In ky minimum pvc test with 5lbs air or 10ft head pressure,but we do use peppermint to find leaks on the rough in and final air test:thumbsup:


----------



## Redwood (Sep 8, 2008)

0 PSIG..... :whistling2:


----------



## Master Mark (Aug 14, 2009)

east-indy said:


> What PSI do you use when pressure testing PVC pipe for an underslab inspection?


 

since when in indianapolis are you required to do any kind of drain testing??? 

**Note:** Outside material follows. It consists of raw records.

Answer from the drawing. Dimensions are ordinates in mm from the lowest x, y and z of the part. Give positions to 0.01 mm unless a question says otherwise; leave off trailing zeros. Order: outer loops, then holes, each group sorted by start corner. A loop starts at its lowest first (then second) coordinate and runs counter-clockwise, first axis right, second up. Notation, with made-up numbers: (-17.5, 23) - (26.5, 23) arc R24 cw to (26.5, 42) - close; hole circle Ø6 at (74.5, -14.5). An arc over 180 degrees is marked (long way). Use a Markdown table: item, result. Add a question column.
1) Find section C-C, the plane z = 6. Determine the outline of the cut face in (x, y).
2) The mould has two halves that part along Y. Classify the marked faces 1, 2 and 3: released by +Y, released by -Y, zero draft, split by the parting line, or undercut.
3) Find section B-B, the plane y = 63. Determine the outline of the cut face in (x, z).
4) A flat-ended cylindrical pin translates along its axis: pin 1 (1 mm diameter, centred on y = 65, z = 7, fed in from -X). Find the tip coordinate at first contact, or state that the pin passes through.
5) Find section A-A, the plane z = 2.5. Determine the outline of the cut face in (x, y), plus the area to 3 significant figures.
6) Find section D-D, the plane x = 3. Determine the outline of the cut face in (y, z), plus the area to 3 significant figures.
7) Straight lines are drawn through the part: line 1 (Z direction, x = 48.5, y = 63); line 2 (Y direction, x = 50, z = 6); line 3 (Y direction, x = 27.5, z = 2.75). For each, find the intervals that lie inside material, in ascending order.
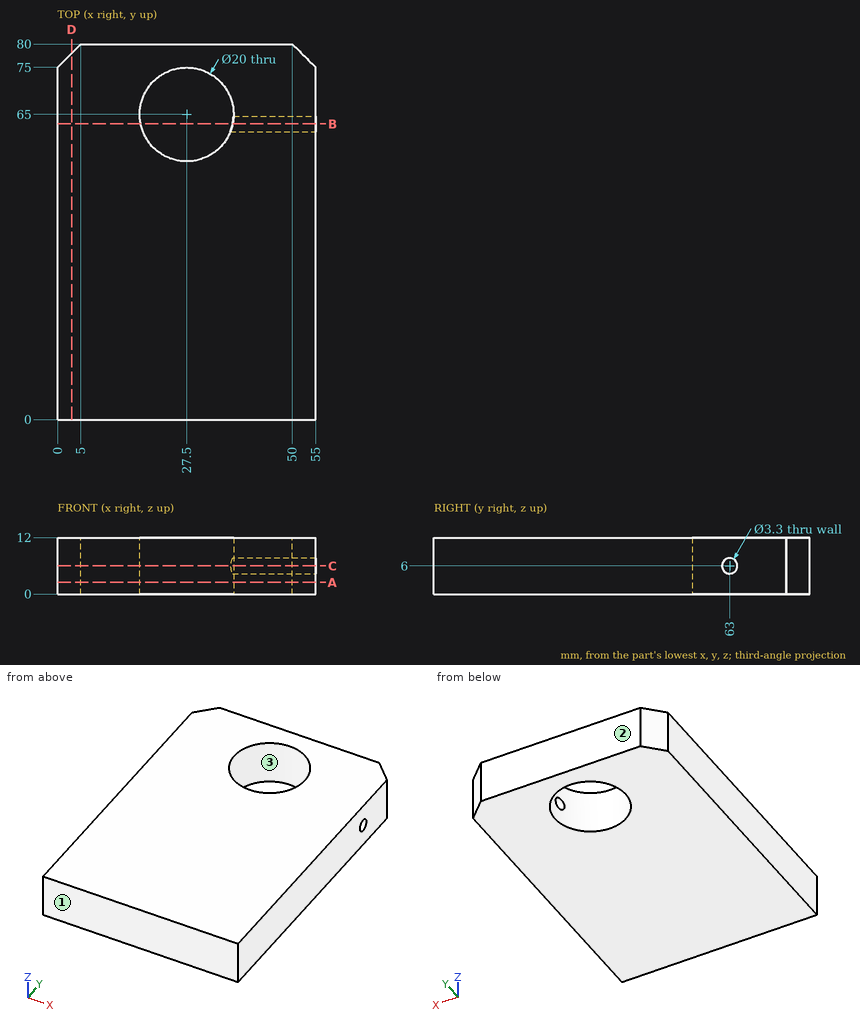
The answers:
| question | item | result |
|---|---|---|
| 1 | outline | (0, 0) - (55, 0) - (55, 61.35) - (36.81, 61.35) arc R10 cw (long way) to (37.49, 64.65) - (55, 64.65) - (55, 75) - (50, 80) - (5, 80) - (0, 75) - close |
| 2 | face 1 | released by -Y |
| 2 | face 2 | released by +Y |
| 2 | face 3 | undercut |
| 3 | outline | (0, 0) - (17.7, 0) - (17.7, 12) - (0, 12) - close; (37.3, 0) - (55, 0) - (55, 4.35) - (37.3, 4.35) - close; (37.3, 7.65) - (55, 7.65) - (55, 12) - (37.3, 12) - close |
| 4 | pin 1 | x = 0 |
| 5 | outline | (0, 0) - (55, 0) - (55, 75) - (50, 80) - (5, 80) - (0, 75) - close; hole circle Ø20 at (27.5, 65) |
| 5 | area | 4,060 mm2 |
| 6 | outline | (0, 0) - (78, 0) - (78, 12) - (0, 12) - close |
| 6 | area | 936 mm2 |
| 7 | line 1 | 0 to 4.35, 7.65 to 12 |
| 7 | line 2 | 0 to 61.35, 64.65 to 80 |
| 7 | line 3 | 0 to 55, 75 to 80 |

espceially underground slab work???


are you out in shelbyville or something??


----------



## sparky (Jan 8, 2014)

Redwood said:


> 0 PSIG..... :whistling2:


we have a gauge stuck at 5lbs,it wont move no matter what,hate to admit it but it is used sometimes:laughing::laughing::jester:


----------



## Redwood (Sep 8, 2008)

Redwood said:


> 0 PSIG..... :whistling2:





sparky said:


> we have a gauge stuck at 5lbs,it wont move no matter what,hate to admit it but it is used sometimes:laughing::laughing::jester:


I was serious...
I don't air test plastic pipe...


----------



## Cajunhiker (Dec 14, 2009)

sparky said:


> we have a gauge stuck at 5lbs,it wont move no matter what,hate to admit it but it is used sometimes:laughing::laughing::jester:


Lol Now I know why the inspector occasionally walks up and releases a lil air out of my gauge. He's checking to make sure the needle moves. He's seen all the tricks in the toolbox! Lol


----------



## Pacificpipes (Oct 1, 2013)

Cajunhiker said:


> Lol Now I know why the inspector occasionally walks up and releases a lil air out of my gauge. He's checking to make sure the needle moves. He's seen all the tricks in the toolbox! Lol


 All my inspectors do that. We only do water tests with 10ft stack and a water bottle stuck in the top


----------



## sparky (Jan 8, 2014)

Pacificpipes said:


> All my inspectors do that. We only do water tests with 10ft stack and a water bottle stuck in the top


What You mean water bottle stuck in top????we just stick a garden hose in top of pipe and filler up to overflowing,inspector comes up and "thumps" the riser to see if full,maybe they need to start using mastermarks pump pliers to whack the pipe:laughing::laughing::laughing::laughing:
http://www.google.com/search?q=dr+s...h=770&ei=loh-VL7PCISnyATLtIHoBg&start=20&sa=N


----------



## dhal22 (Jul 30, 2010)

sparky said:


> What You mean water bottle stuck in top????we just stick a garden hose in top of pipe and filler up to overflowing,inspector comes up and "thumps" the riser to see if full,maybe they need to start using mastermarks pump pliers to whack the pipe:laughing::laughing::laughing::laughing:
> http://www.google.com/search?q=dr+s...h=770&ei=loh-VL7PCISnyATLtIHoBg&start=20&sa=N


Same here, they just shake the riser.


----------



## MACPLUMB777 (Jun 18, 2008)

CT18 said:


> We do 5 psi


5 psi for 15 min's per UPC anytime the inspector calls for it on possible
cracked or broken pipe,
I had over 160 houses to every time we replaced defective plastic pipe, from the slab up though the 2nd story roof, 1989 though 1998 :thumbup:


----------



## dhal22 (Jul 30, 2010)

I've airtested and water tested pvc pipe. Whatever is convenient.


----------